Autrement dit, en 2034, ce qui fut éphémère en 2020-2021 avec l’application Stop-Covid et ses contrôles en cas de mobilité, devient indispensable avec Go-Citizen et ses autorisations pour quiconque, dans l’UE, souhaite pouvoir mener son existence. Ne pas voter bloquera donc tous les droits du citoyen, y compris de fuir de l’UE s’il le souhaitait. Les décideurs européens se sont inspirés d’expériences menées ailleurs dans le monde pour concevoir ces techniques et pratiques très éloignées des standards prévalant dans l’espace communautaire.

Revenons donc à ce référendum. Deux scénarios sont avancés, chaque électeur doit en sélectionner un seul. Le premier, intitulé « Euroxit », propose de poursuivre le cours des choses sans aucun rétropédalage artificiel. C’est la réalité préservée, quand bien même elle ne s’avère que peu favorable au sauvetage de l’UE. Le second scénario permet de réécrire la décennie écoulée (2024-2034), par le biais de l’IA, et de relancer la construction européenne avec une ambition augmentée à partir de 2034. Ce scénario est nommé « Eurovision », à la fois parce qu’il se veut tourné vers l’avenir et avec une longueur de vue, mais aussi en écho à cet ancien concours de chansons qui exista durant 68 ans et s’arrêta après l’édition 2024 en raison de sensibilités géopolitiques peu imaginables auparavant.

De l’Eurovision à la réalité

Dans ce lourd climat de juin 2034, nombreux sont les citoyens européens à se souvenir de ces drôles d’années qui se déplièrent avec fracas et émois après un printemps 2020 où le confinement général sonnait en réalité la fin de ces « Trente Glandeuses », c’est-à-dire ces trois décennies qui, de la chute du mur de Berlin au coronavirus, auront fait croire à l’UE que l’Histoire serait joyeuse, que la marche du monde serait adoucie et que l’oisiveté stratégique était permise. Alors, ils sont hésitants à l’approche de ce scrutin à peine croyable et pourtant bien réel. Pour sauver l’UE et lui donner des chances au futur, doivent-ils être capables de confier à des supermachines la réécriture de 14 ans d’Histoire et donc de faire un saut dans l’inconnu… du passé ?

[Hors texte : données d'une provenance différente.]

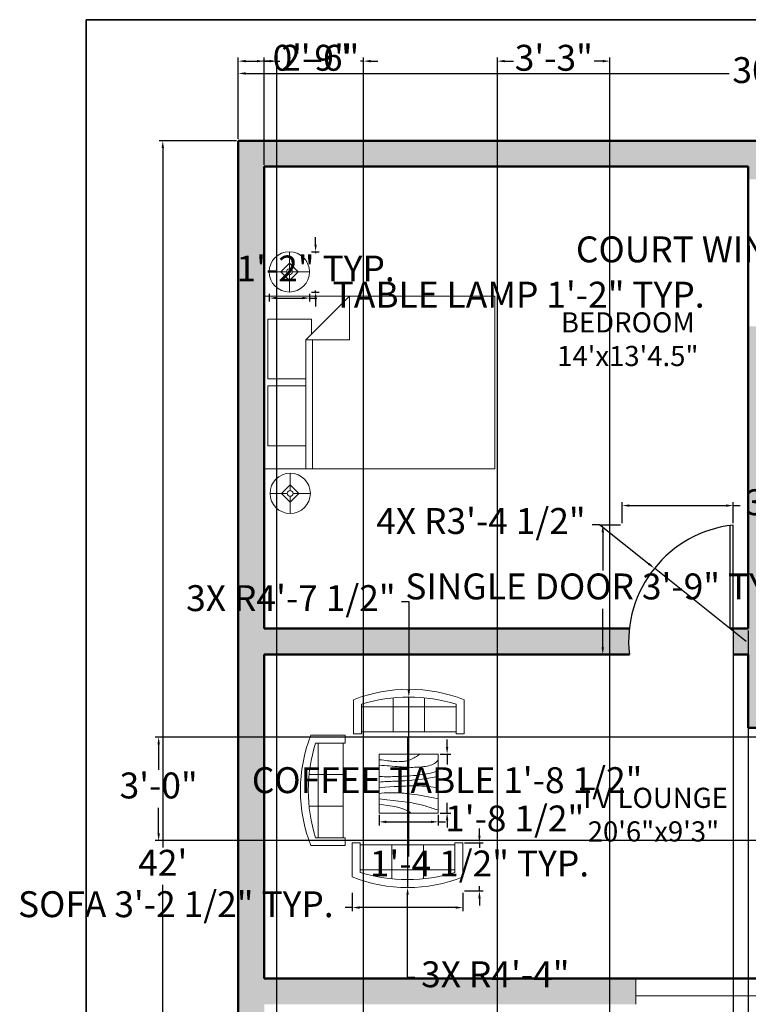
# Model space of a CAD drawing. Units: inches. Extents: x 3695 to 4182, y 4462 to 5050.
# Tile 2 of 3: x 3695 to 3948, y 4708 to 5050. Entities that reach past the tile are written whole.
import ezdxf

# ---------------------------------------------------------------- set-up
doc = ezdxf.new("R2010")
doc.units = ezdxf.units.IN
for name, color, linetype, lineweight in [('A-ANNO-DIMS', 2, 'Continuous', 18), ('A-ANNO-TTLB', 7, 'Continuous', 35), ('A-AREA-IDEN', 7, 'Continuous', 25), ('A-DOOR', 3, 'Continuous', 25), ('A-FURN', 8, 'Continuous', 18), ('A-GLAZ', 4, 'Continuous', 18), ('A-WALL', 7, 'Continuous', 50)]:
    doc.layers.add(name, color=color, linetype=linetype, lineweight=lineweight)
doc.layers.add('A-WALL-PATT', color=18, linetype='Continuous', lineweight=13, true_color=0x000000)
doc.styles.get("Standard").update_dxf_attribs({"font": 'arial.ttf'})
doc.dimstyles.new('ISO-25', dxfattribs={"dimtxt": 9, "dimasz": 2.5, "dimexe": 1.25, "dimexo": 0.625, "dimgap": 2, "dimtad": 0, "dimtih": 1, "dimtoh": 1, "dimdec": 1, "dimlunit": 4, "dimtxsty": 'Standard', "dimcen": 2.5, "dimadec": 0, "dimazin": 0, "dimtfac": 0.5, "dimtdec": 1, "dimtmove": 0, "dimatfit": 3, "dimfxl": 1, "dimarcsym": 0})

# ---------------------------------------------------------------- blocks, each defined once
blk = doc.blocks.new('Bed - Queen')
for p, q in [((0, -80.00003), (0, 0)), ((0, 0), (59.99999, 0)), ((59.99999, 0), (59.99999, -80.00003)), ((7.99999, -1.2), (28.79998, -1.2)), ((7.99999, -14.4), (7.99999, -1.2)), ((28.79998, -1.2), (28.79998, -14.4)), ((31.19999, -1.2), (51.99999, -1.2)), ((31.19999, -14.4), (31.19999, -1.2)), ((51.99999, -1.2), (51.99999, -16.4)), ((0, -14.4), (44.8, -14.4)), ((44.8, -16.8), (0, -16.8)), ((59.99999, -29.6), (44.8, -14.4)), ((44.8, -14.4), (44.8, -29.6)), ((51.99999, -16.4), (46.79936, -16.4)), ((44.8, -29.6), (59.99999, -29.6)), ((59.99999, -80.00003), (0, -80.00003))]:
    blk.add_line(p, q)
blk = doc.blocks.new('Sofa - Roundback 7 ft.')
for p, q in [((-12.00002, -32.4421), (-12.00003, -6.5971)), ((11.99997, -32.4421), (11.99998, -6.5971)), ((-36.000027, -34), (-36.000027, -11.4696)), ((-35.999844, -13.3819), (35.9998, -13.3819)), ((35.99998, -34), (35.99998, -11.4696)), ((-36.000027, -32.4421), (35.99998, -32.4421))]:
    blk.add_line(p, q)
for points in [[(-36.000027, -34), (-42.000027, -34), (-42.000027, -8)], [(41.99998, -8), (41.99998, -34), (35.99998, -34)]]:
    blk.add_lwpolyline(points)
for centre, radius, start, end in [((0, -114.25), 114.25, 68.43141, 111.5686), ((-0.00001, -127.1968), 121.1968, 72.72033, 107.2797)]:
    blk.add_arc(centre, radius, start, end)
blk = doc.blocks.new('Table - Square Woodgrain 42 x 42 in.')
blk.add_line((0, -42), (42, -42))
for points in [[(0, -4), (1.704, -4.2172), (3.2358, -4.4188), (4.615, -4.604), (5.8615, -4.7721), (6.9951, -4.9224), (8.0357, -5.0541), (9.0031, -5.1667), (9.9171, -5.2594), (10.7951, -5.3316), (11.6445, -5.3836), (12.4702, -5.4157), (13.277, -5.4283), (14.0698, -5.4217), (14.8535, -5.3964), (15.6331, -5.3526), (16.4133, -5.2908), (17.1986, -5.2103), (17.9913, -5.1062), (18.793, -4.9727), (19.6056, -4.8038), (20.4307, -4.5937), (21.2701, -4.3365), (22.1256, -4.0262), (22.9989, -3.6571), (23.888, -3.2272), (24.7756, -2.7516), (25.6408, -2.2491), (26.4624, -1.7387), (27.2195, -1.2395), (27.891, -0.7703), (28.456, -0.3501), (28.8934, 0.002)], [(0, -42), (0, 0), (42, 0), (42, -42)], [(0, -8), (1.8203, -8.1001), (3.6741, -8.2149), (5.5411, -8.3408), (7.4011, -8.4741), (9.2339, -8.6112), (11.0193, -8.7484), (12.7371, -8.8821), (14.3671, -9.0086), (15.8954, -9.1246), (17.3337, -9.2278), (18.6997, -9.3159), (20.0116, -9.387), (21.2871, -9.4389), (22.5442, -9.4696), (23.8008, -9.477), (25.0749, -9.459), (26.3791, -9.4137), (27.7049, -9.3403), (29.0383, -9.2382), (30.3655, -9.1068), (31.6728, -8.9455), (32.9461, -8.7535), (34.1717, -8.5304), (35.3358, -8.2756), (36.4268, -7.9863), (37.443, -7.6521), (38.3849, -7.2603), (39.253, -6.7986), (40.048, -6.2542), (40.7705, -5.6147), (41.421, -4.8674), (42, -4)], [(42, -12), (39.1784, -12.8621), (36.4519, -13.5654), (33.8246, -14.1294), (31.3004, -14.5731), (28.8832, -14.9161), (26.577, -15.1775), (24.3858, -15.3768), (22.3136, -15.5332), (20.3622, -15.6632), (18.5254, -15.7718), (16.7947, -15.8612), (15.1618, -15.9338), (13.6183, -15.9916), (12.1558, -16.0369), (10.7659, -16.0718), (9.4403, -16.0987), (8.1703, -16.1191), (6.9461, -16.1325), (5.7577, -16.1377), (4.595, -16.1335), (3.4479, -16.1188), (2.3064, -16.0924), (1.1604, -16.0532), (0, -16)], [(42, -16), (37.6529, -16.7365), (33.8802, -17.329), (30.6179, -17.7961), (27.8015, -18.1561), (25.3668, -18.4275), (23.2497, -18.6288), (21.3859, -18.7785), (19.7111, -18.8949), (18.1693, -18.9939), (16.7375, -19.0795), (15.401, -19.1534), (14.1449, -19.217), (12.9544, -19.2717), (11.8148, -19.3191), (10.7113, -19.3606), (9.6291, -19.3976), (8.5534, -19.4323), (7.47, -19.4689), (6.3643, -19.5122), (5.222, -19.5672), (4.0288, -19.6386), (2.7703, -19.7313), (1.4321, -19.8501), (0, -20)], [(0, -24), (3.9243, -23.6805), (7.4766, -23.4138), (10.6891, -23.1954), (13.5943, -23.0205), (16.2247, -22.8847), (18.6125, -22.7832), (20.7903, -22.7116), (22.7903, -22.6651), (24.6563, -22.642), (26.4764, -22.6507), (28.35, -22.7024), (30.3766, -22.8084), (32.6555, -22.98), (35.2861, -23.2283), (38.3678, -23.5645), (42, -24)], [(42, -32), (37.392, -31.017), (33.4585, -30.2231), (30.1291, -29.5949), (27.3334, -29.109), (25.0009, -28.742), (23.0612, -28.4707), (21.4439, -28.2716), (20.0786, -28.1215), (18.8998, -28.0002), (17.8609, -27.9014), (16.9206, -27.8219), (16.0371, -27.7588), (15.1691, -27.709), (14.2748, -27.6693), (13.3128, -27.6368), (12.2415, -27.6083), (11.0295, -27.5824), (9.6867, -27.5643), (8.233, -27.5608), (6.6884, -27.5787), (5.0728, -27.6248), (3.4062, -27.7058), (1.7086, -27.8286), (0, -28)], [(0, -32), (5.4026, -32.5358), (9.9494, -33.019), (13.7424, -33.4553), (16.8834, -33.8505), (19.4743, -34.2106), (21.6171, -34.5413), (23.4136, -34.8486), (24.9657, -35.1382), (26.3614, -35.4156), (27.6332, -35.6841), (28.7995, -35.9467), (29.8788, -36.2064), (30.8897, -36.4661), (31.8507, -36.7288), (32.7802, -36.9973), (33.6968, -37.2747), (34.6175, -37.5635), (35.5531, -37.8651), (36.5128, -38.1805), (37.506, -38.5108), (38.5421, -38.8568), (39.6302, -39.2197), (40.7797, -39.6004), (42, -40)], [(0, -36), (3.0098, -36.2857), (5.5354, -36.5643), (7.6368, -36.8359), (9.374, -37.1009), (10.807, -37.3597), (11.9957, -37.6126), (13.0002, -37.8599), (13.8804, -38.102), (14.6874, -38.3393), (15.4365, -38.5729), (16.1338, -38.8041), (16.7858, -39.0341), (17.3987, -39.264), (17.9787, -39.4952), (18.5322, -39.7288), (19.0655, -39.9662), (19.5832, -40.2081), (20.0842, -40.4544), (20.5657, -40.7046), (21.0249, -40.9581), (21.459, -41.2144), (21.8653, -41.4731), (22.2409, -41.7335), (22.5831, -41.9951)]]:
    blk.add_lwpolyline(points)
blk = doc.blocks.new('Lamp - Table')
for p, q in [((0, 7), (0, 1)), ((-1, 0), (-7, 0)), ((0, 3), (-3, 0)), ((-3, 0), (0, -3)), ((3, 0), (0, 3)), ((0, -3), (3, 0)), ((1, 0), (7, 0)), ((0, -1), (0, -7))]:
    blk.add_line(p, q)
for radius in [7, 1]:
    blk.add_circle((0, 0), radius)
blk = doc.blocks.new('*D11')
at = {"layer": 'A-ANNO-DIMS', "color": 0, "lineweight": -2, "transparency": 16777216}
for p, q in [((3770.96, 5008.15), (3770.96, 5032.15)), ((4130.96, 5008.15), (4130.96, 5032.15)), ((3773.46, 5030.9), (3941.33, 5030.9)), ((4128.46, 5030.9), (3960.6, 5030.9))]:
    blk.add_line(p, q, dxfattribs=at)
at = {"layer": 'A-ANNO-DIMS', "color": 0, "transparency": 16777216}
for points in [[(3773.46, 5031.31), (3773.46, 5030.48), (3770.96, 5030.9)], [(4128.46, 5031.31), (4128.46, 5030.48), (4130.96, 5030.9)]]:
    blk.add_solid(points, dxfattribs=at)
at = {"layer": 'Defpoints', "color": 0, "transparency": 16777216}
for p in [(4130.96, 5030.9), (3770.96, 5007.52), (4130.96, 5007.52)]:
    blk.add_point(p, dxfattribs=at)
at = {"layer": 'A-ANNO-DIMS', "color": 0, "transparency": 16777216, "insert": (3950.96, 5030.9), "char_height": 9, "attachment_point": 5}
blk.add_mtext("30'", dxfattribs=at)
blk = doc.blocks.new('*D12')
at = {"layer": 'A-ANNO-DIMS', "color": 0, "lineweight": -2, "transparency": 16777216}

Les deux scénarios proposés, pour ce vote obligatoire, sont tout de même si tranchés ! D’un côté une Europe qui se remet en mouvement, qui met à jour son logiciel de fonctionnement et qui ose aller vers un avenir plus fédéral, seul sursaut géopolitique à même de lui procurer des chances de survie dans ce siècle où l’inconfort s’est durablement réinstallé. De l’autre, une Europe nationale-populiste, perforée par les aiguilles du détricotage et cheminant tout droit vers un univers à la Mad Max, avec une mosaïque de nations ou micronations indépendantes.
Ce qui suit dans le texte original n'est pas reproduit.